Samstag, 08.08.2015 Ingo Lenßen

„Auf dem Nachbargrundstück finden seit Wochen unerträglich laute Bauarbeiten statt. Schon mehrmals habe ich meinen Nachbarn gesagt, dass ich es so nicht mehr aushalte. Aber der meinte nur, dass er eine Baugenehmigung hätten und es auf einem Bau „halt manchmal etwas lauter werde“. Muss ich das so hinnehmen?“

Nein, das müssen Sie nicht. Zwar darf Ihr Nachbar das geplante Projekt mithilfe der Baugenehmigung verwirklichen, das muss aber so „lärmschonend“ wie möglich erledigt werden.

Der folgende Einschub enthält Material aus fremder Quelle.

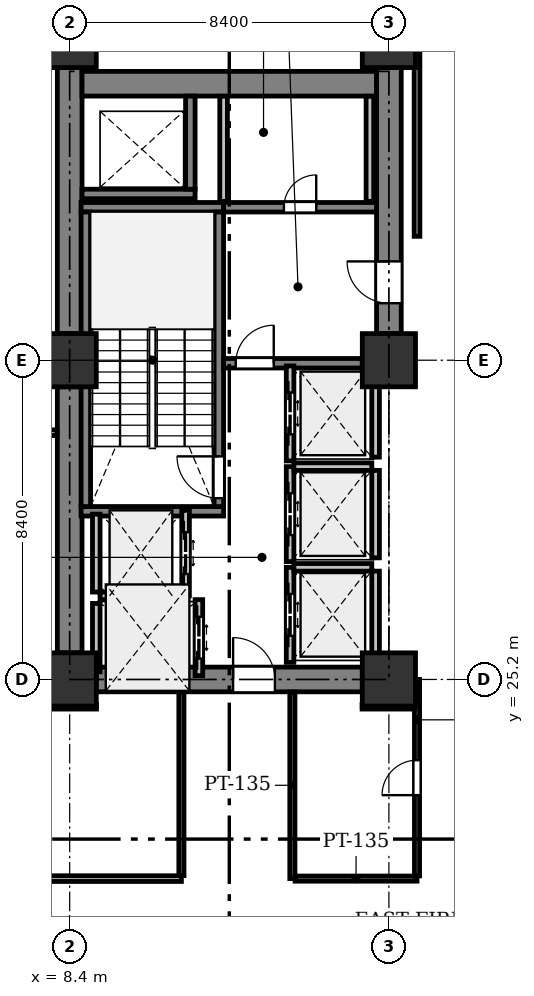
"""IFC4 building model, lengths in metres.
Left out: names, types, materials, properties, quantities, classifications, styles, units other than length and angle.
Written with IfcOpenShell. Run it as: python <this file> out.ifc"""

import sys

from ifc_helpers import new_model, si_unit, direction, frame, frame_2d, origin, origin_2d, place, context, subcontext, project, spatial, rectangle, extrude, element, fill, save


model = new_model("IFC4")
c1 = context("Model", 3, precision=1e-05, world=origin(), true_north=direction((0.0, 1.0)))
c2 = subcontext(c1, "Body", "Model", "MODEL_VIEW")
j1 = project(units=[si_unit("LENGTHUNIT", "METRE"), si_unit("PLANEANGLEUNIT", "RADIAN")], contexts=[c1])
p1 = place(None, origin())
s1 = spatial("IfcSite", under=j1, at=p1, CompositionType="ELEMENT")
p2 = place(p1, origin())
s2 = spatial("IfcBuilding", under=s1, at=p2, CompositionType="ELEMENT")
p3 = place(p2, frame((0.0, 0.0, 24.8)))
s3 = spatial("IfcBuildingStorey", under=s2, at=p3, CompositionType="ELEMENT", Elevation=24.8)
for number, where, z_axis, x_axis in (
    (1, (8.4, 25.2, 0.0), (0.0, 0.0, 1.0), (1.0, 0.0, 0.0)),
    (2, (8.4, 33.6, 0.0), (0.0, 0.0, 1.0), (1.0, 0.0, 0.0)),
    (3, (8.4, 42.0, 0.0), (0.0, 0.0, 1.0), (1.0, 0.0, 0.0)),
    (4, (16.8, 25.2, 0.0), (0.0, 0.0, 1.0), (1.0, 0.0, 0.0)),
    (5, (16.8, 33.6, 0.0), (0.0, 0.0, 1.0), (1.0, 0.0, 0.0)),
    (6, (16.8, 42.0, 0.0), (0.0, 0.0, 1.0), (1.0, 0.0, 0.0)),
):
    element("IfcColumn", number, at=place(p3, frame(where, z_axis=z_axis, x_axis=x_axis)), inside=s3, PredefinedType="COLUMN", context=c2, shape_type="SweptSolid", body=[
        extrude(rectangle(XDim=1.4, YDim=1.4, at=origin_2d()), origin(), (0.0, 0.0, 1.0), 4.2),
    ])
for number, where, z_axis, x_axis in (
    (7, (8.4, 25.9, 0.0), (0.0, 0.0, 1.0), (0.0, 1.0, 0.0)),
    (8, (8.4, 34.3, 0.0), (0.0, 0.0, 1.0), (0.0, 1.0, 0.0)),
):
    element("IfcWall", number, at=place(p3, frame(where, z_axis=z_axis, x_axis=x_axis)), inside=s3, PredefinedType="SHEAR", context=c2, shape_type="SweptSolid", body=[
        extrude(rectangle(XDim=7.0, YDim=0.65, at=frame_2d((3.5, 0.0))), origin(), (0.0, 0.0, 1.0), 3.925),
    ])
p4 = place(p3, frame((8.725, 40.875, 0.0), z_axis=(0.0, 0.0, 1.0), x_axis=(1.0, 0.0, 0.0)))
e9 = element("IfcWall", 9, at=p4, inside=s3, PredefinedType="SHEAR", context=c2, shape_type="SweptSolid", body=[
    extrude(rectangle(XDim=7.75, YDim=0.65, at=frame_2d((3.875, 0.0))), origin(), (0.0, 0.0, 1.0), 3.925),
])
p5 = place(p3, frame((16.8, 34.3, 0.0), z_axis=(0.0, 0.0, 1.0), x_axis=(0.0, 1.0, 0.0)))
e10 = element("IfcWall", 10, at=p5, inside=s3, PredefinedType="SHEAR", context=c2, shape_type="SweptSolid", body=[
    extrude(rectangle(XDim=7.0, YDim=0.65, at=frame_2d((3.5, 0.0))), origin(), (0.0, 0.0, 1.0), 3.925),
])
p6 = place(p5, frame((0.8, 0.0, 0.0)))
e11 = element("IfcOpeningElement", 11, at=p6, cuts=e10, PredefinedType="OPENING", context=c2, shape_type="SweptSolid", body=[
    extrude(rectangle(XDim=1.1, YDim=2.15, at=frame_2d((0.55, 1.075))), frame((0.0, 0.335, 0.0), z_axis=(0.0, -1.0, 0.0), x_axis=(1.0, 0.0, 0.0)), (0.0, 0.0, 1.0), 0.67),
])
p7 = place(p3, frame((9.1, 25.2, 0.0), z_axis=(0.0, 0.0, 1.0), x_axis=(1.0, 0.0, 0.0)))
e12 = element("IfcWall", 12, at=p7, inside=s3, PredefinedType="SHEAR", context=c2, shape_type="SweptSolid", body=[
    extrude(rectangle(XDim=7.0, YDim=0.65, at=frame_2d((3.5, 0.0))), origin(), (0.0, 0.0, 1.0), 3.925),
])
p8 = place(p7, frame((3.6, 0.0, 0.0)))
e13 = element("IfcOpeningElement", 13, at=p8, cuts=e12, PredefinedType="OPENING", context=c2, shape_type="SweptSolid", body=[
    extrude(rectangle(XDim=1.1, YDim=2.15, at=frame_2d((0.55, 1.075))), frame((0.0, 0.335, 0.0), z_axis=(0.0, -1.0, 0.0), x_axis=(1.0, 0.0, 0.0)), (0.0, 0.0, 1.0), 0.67),
])
for number, where, z_axis, x_axis in (
    (14, (12.45, 29.625, 0.0), (0.0, 0.0, 1.0), (-1.0, 0.0, 0.0)),
    (15, (12.45, 37.625, 0.0), (0.0, 0.0, 1.0), (-1.0, 0.0, 0.0)),
):
    element("IfcWall", number, at=place(p3, frame(where, z_axis=z_axis, x_axis=x_axis)), inside=s3, PredefinedType="SHEAR", context=c2, shape_type="SweptSolid", body=[
        extrude(rectangle(XDim=3.75, YDim=0.25, at=frame_2d((1.875, 0.0))), origin(), (0.0, 0.0, 1.0), 3.925),
    ])
p9 = place(p3, frame((12.325, 29.75, 0.0), z_axis=(0.0, 0.0, 1.0), x_axis=(0.0, 1.0, 0.0)))
e16 = element("IfcWall", 16, at=p9, inside=s3, PredefinedType="SHEAR", context=c2, shape_type="SweptSolid", body=[
    extrude(rectangle(XDim=7.75, YDim=0.25, at=frame_2d((3.875, 0.0))), origin(), (0.0, 0.0, 1.0), 3.925),
])
p10 = place(p9, frame((0.22, 0.0, 0.0)))
e17 = element("IfcOpeningElement", 17, at=p10, cuts=e16, PredefinedType="OPENING", context=c2, shape_type="SweptSolid", body=[
    extrude(rectangle(XDim=1.1, YDim=2.15, at=frame_2d((0.55, 1.075))), frame((0.0, 0.135, 0.0), z_axis=(0.0, -1.0, 0.0), x_axis=(1.0, 0.0, 0.0)), (0.0, 0.0, 1.0), 0.27),
])
p11 = place(p3, frame((8.825, 29.75, 0.0), z_axis=(0.0, 0.0, 1.0), x_axis=(0.0, 1.0, 0.0)))
e18 = element("IfcWall", 18, at=p11, inside=s3, PredefinedType="SHEAR", context=c2, shape_type="SweptSolid", body=[
    extrude(rectangle(XDim=7.75, YDim=0.25, at=frame_2d((3.875, 0.0))), origin(), (0.0, 0.0, 1.0), 3.925),
])
p12 = place(p3, frame((8.725, 37.975, 0.0), z_axis=(0.0, 0.0, 1.0), x_axis=(1.0, 0.0, 0.0)))
e19 = element("IfcWall", 19, at=p12, inside=s3, PredefinedType="SHEAR", context=c2, shape_type="SweptSolid", body=[
    extrude(rectangle(XDim=2.975, YDim=0.25, at=frame_2d((1.487, 0.0))), origin(), (0.0, 0.0, 1.0), 3.925),
])
p13 = place(p3, frame((11.575, 38.1, 0.0), z_axis=(0.0, 0.0, 1.0), x_axis=(0.0, 1.0, 0.0)))
e20 = element("IfcWall", 20, at=p13, inside=s3, PredefinedType="SHEAR", context=c2, shape_type="SweptSolid", body=[
    extrude(rectangle(XDim=2.45, YDim=0.25, at=frame_2d((1.225, 0.0))), origin(), (0.0, 0.0, 1.0), 3.925),
])
p14 = place(p3, frame((12.45, 33.52, 0.0), z_axis=(0.0, 0.0, 1.0), x_axis=(1.0, 0.0, 0.0)))
e21 = element("IfcWall", 21, at=p14, inside=s3, PredefinedType="SHEAR", context=c2, shape_type="SweptSolid", body=[
    extrude(rectangle(XDim=3.65, YDim=0.25, at=frame_2d((1.825, 0.0))), origin(), (0.0, 0.0, 1.0), 3.925),
])
p15 = place(p14, frame((0.32, 0.0, 0.0)))
e22 = element("IfcOpeningElement", 22, at=p15, cuts=e21, PredefinedType="OPENING", context=c2, shape_type="SweptSolid", body=[
    extrude(rectangle(XDim=1.0, YDim=2.15, at=frame_2d((0.5, 1.075))), frame((0.0, 0.135, 0.0), z_axis=(0.0, -1.0, 0.0), x_axis=(1.0, 0.0, 0.0)), (0.0, 0.0, 1.0), 0.27),
])
p16 = place(p3, frame((12.45, 37.625, 0.0), z_axis=(0.0, 0.0, 1.0), x_axis=(1.0, 0.0, 0.0)))
e23 = element("IfcWall", 23, at=p16, inside=s3, PredefinedType="SHEAR", context=c2, shape_type="SweptSolid", body=[
    extrude(rectangle(XDim=4.025, YDim=0.25, at=frame_2d((2.013, 0.0))), origin(), (0.0, 0.0, 1.0), 3.925),
])
p17 = place(p16, frame((1.587, 0.0, 0.0)))
e24 = element("IfcOpeningElement", 24, at=p17, cuts=e23, PredefinedType="OPENING", context=c2, shape_type="SweptSolid", body=[
    extrude(rectangle(XDim=0.85, YDim=2.15, at=frame_2d((0.425, 1.075))), frame((0.0, 0.135, 0.0), z_axis=(0.0, -1.0, 0.0), x_axis=(1.0, 0.0, 0.0)), (0.0, 0.0, 1.0), 0.27),
])
p18 = place(p3, frame((11.45, 27.4, 0.0), z_axis=(0.0, 0.0, 1.0), x_axis=(0.0, 1.0, 0.0)))
e25 = element("IfcWall", 25, at=p18, inside=s3, PredefinedType="PARTITIONING", context=c2, shape_type="SweptSolid", body=[
    extrude(rectangle(XDim=2.25, YDim=0.2, at=frame_2d((1.125, 0.0))), origin(), (0.0, 0.0, 1.0), 3.925),
])
p19 = place(p18, frame((0.575, 0.0, 0.0)))
e26 = element("IfcOpeningElement", 26, at=p19, cuts=e25, PredefinedType="OPENING", context=c2, shape_type="SweptSolid", body=[
    extrude(rectangle(XDim=1.1, YDim=2.2, at=frame_2d((0.55, 1.1))), frame((0.0, 0.11, 0.0), z_axis=(0.0, -1.0, 0.0), x_axis=(1.0, 0.0, 0.0)), (0.0, 0.0, 1.0), 0.22),
])
p20 = place(p3, frame((9.1, 27.5, 0.0), z_axis=(0.0, 0.0, 1.0), x_axis=(0.0, 1.0, 0.0)))
e27 = element("IfcWall", 27, at=p20, inside=s3, PredefinedType="PARTITIONING", context=c2, shape_type="SweptSolid", body=[
    extrude(rectangle(XDim=2.05, YDim=0.2, at=frame_2d((1.025, 0.0))), origin(), (0.0, 0.0, 1.0), 3.925),
])
p21 = place(p3, frame((9.2, 27.4, 0.0), z_axis=(0.0, 0.0, 1.0), x_axis=(1.0, 0.0, 0.0)))
e28 = element("IfcWall", 28, at=p21, inside=s3, PredefinedType="PARTITIONING", context=c2, shape_type="SweptSolid", body=[
    extrude(rectangle(XDim=2.15, YDim=0.2, at=frame_2d((1.075, 0.0))), origin(), (0.0, 0.0, 1.0), 3.925),
])
p22 = place(p3, frame((11.8, 25.3, 0.0), z_axis=(0.0, 0.0, 1.0), x_axis=(0.0, 1.0, 0.0)))
e29 = element("IfcWall", 29, at=p22, inside=s3, PredefinedType="PARTITIONING", context=c2, shape_type="SweptSolid", body=[
    extrude(rectangle(XDim=2.0, YDim=0.2, at=frame_2d((1.0, 0.0))), origin(), (0.0, 0.0, 1.0), 3.925),
])
p23 = place(p22, frame((0.45, 0.0, 0.0)))
e30 = element("IfcOpeningElement", 30, at=p23, cuts=e29, PredefinedType="OPENING", context=c2, shape_type="SweptSolid", body=[
    extrude(rectangle(XDim=1.1, YDim=2.2, at=frame_2d((0.55, 1.1))), frame((0.0, 0.11, 0.0), z_axis=(0.0, -1.0, 0.0), x_axis=(1.0, 0.0, 0.0)), (0.0, 0.0, 1.0), 0.22),
])
p24 = place(p3, frame((9.1, 25.4, 0.0), z_axis=(0.0, 0.0, 1.0), x_axis=(0.0, 1.0, 0.0)))
e31 = element("IfcWall", 31, at=p24, inside=s3, PredefinedType="PARTITIONING", context=c2, shape_type="SweptSolid", body=[
    extrude(rectangle(XDim=1.8, YDim=0.2, at=frame_2d((0.9, 0.0))), origin(), (0.0, 0.0, 1.0), 3.925),
])
p25 = place(p3, frame((14.2, 25.65, 0.0), z_axis=(0.0, 0.0, 1.0), x_axis=(0.0, 1.0, 0.0)))
e32 = element("IfcWall", 32, at=p25, inside=s3, PredefinedType="PARTITIONING", context=c2, shape_type="SweptSolid", body=[
    extrude(rectangle(XDim=2.5, YDim=0.2, at=frame_2d((1.25, 0.0))), origin(), (0.0, 0.0, 1.0), 3.925),
])
p26 = place(p25, frame((0.7, 0.0, 0.0)))
e33 = element("IfcOpeningElement", 33, at=p26, cuts=e32, PredefinedType="OPENING", context=c2, shape_type="SweptSolid", body=[
    extrude(rectangle(XDim=1.1, YDim=2.2, at=frame_2d((0.55, 1.1))), frame((0.0, 0.11, 0.0), z_axis=(0.0, -1.0, 0.0), x_axis=(1.0, 0.0, 0.0)), (0.0, 0.0, 1.0), 0.22),
])
p27 = place(p3, frame((16.45, 25.75, 0.0), z_axis=(0.0, 0.0, 1.0), x_axis=(0.0, 1.0, 0.0)))
e34 = element("IfcWall", 34, at=p27, inside=s3, PredefinedType="PARTITIONING", context=c2, shape_type="SweptSolid", body=[
    extrude(rectangle(XDim=2.3, YDim=0.2, at=frame_2d((1.15, 0.0))), origin(), (0.0, 0.0, 1.0), 3.925),
])
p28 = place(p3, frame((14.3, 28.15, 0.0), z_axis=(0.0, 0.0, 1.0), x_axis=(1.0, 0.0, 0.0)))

Das heißt, er ist dazu verpflichtet, alle zumutbaren Möglichkeiten zur Lärmminderung auch auszuschöpfen. Macht er das nicht, sollten Sie zuerst das Baurechtsamt von dem Lärm informieren. Wenn dieses dann nicht reagiert, könnten Sie mit einem Eilverfahren vor Gericht gehen, um Maßnahmen zur Lärmminderung zu erzwingen. Und wenn Ihr Nachbar selbst dann nichts am Lärm ändert, kann sogar ein Baustopp verfügt werden. Wichtig ist aber, dass Sie die Störungen „beweissicher“ dokumentieren und den Geräuschpegel ggf. von einem Profi messen lassen.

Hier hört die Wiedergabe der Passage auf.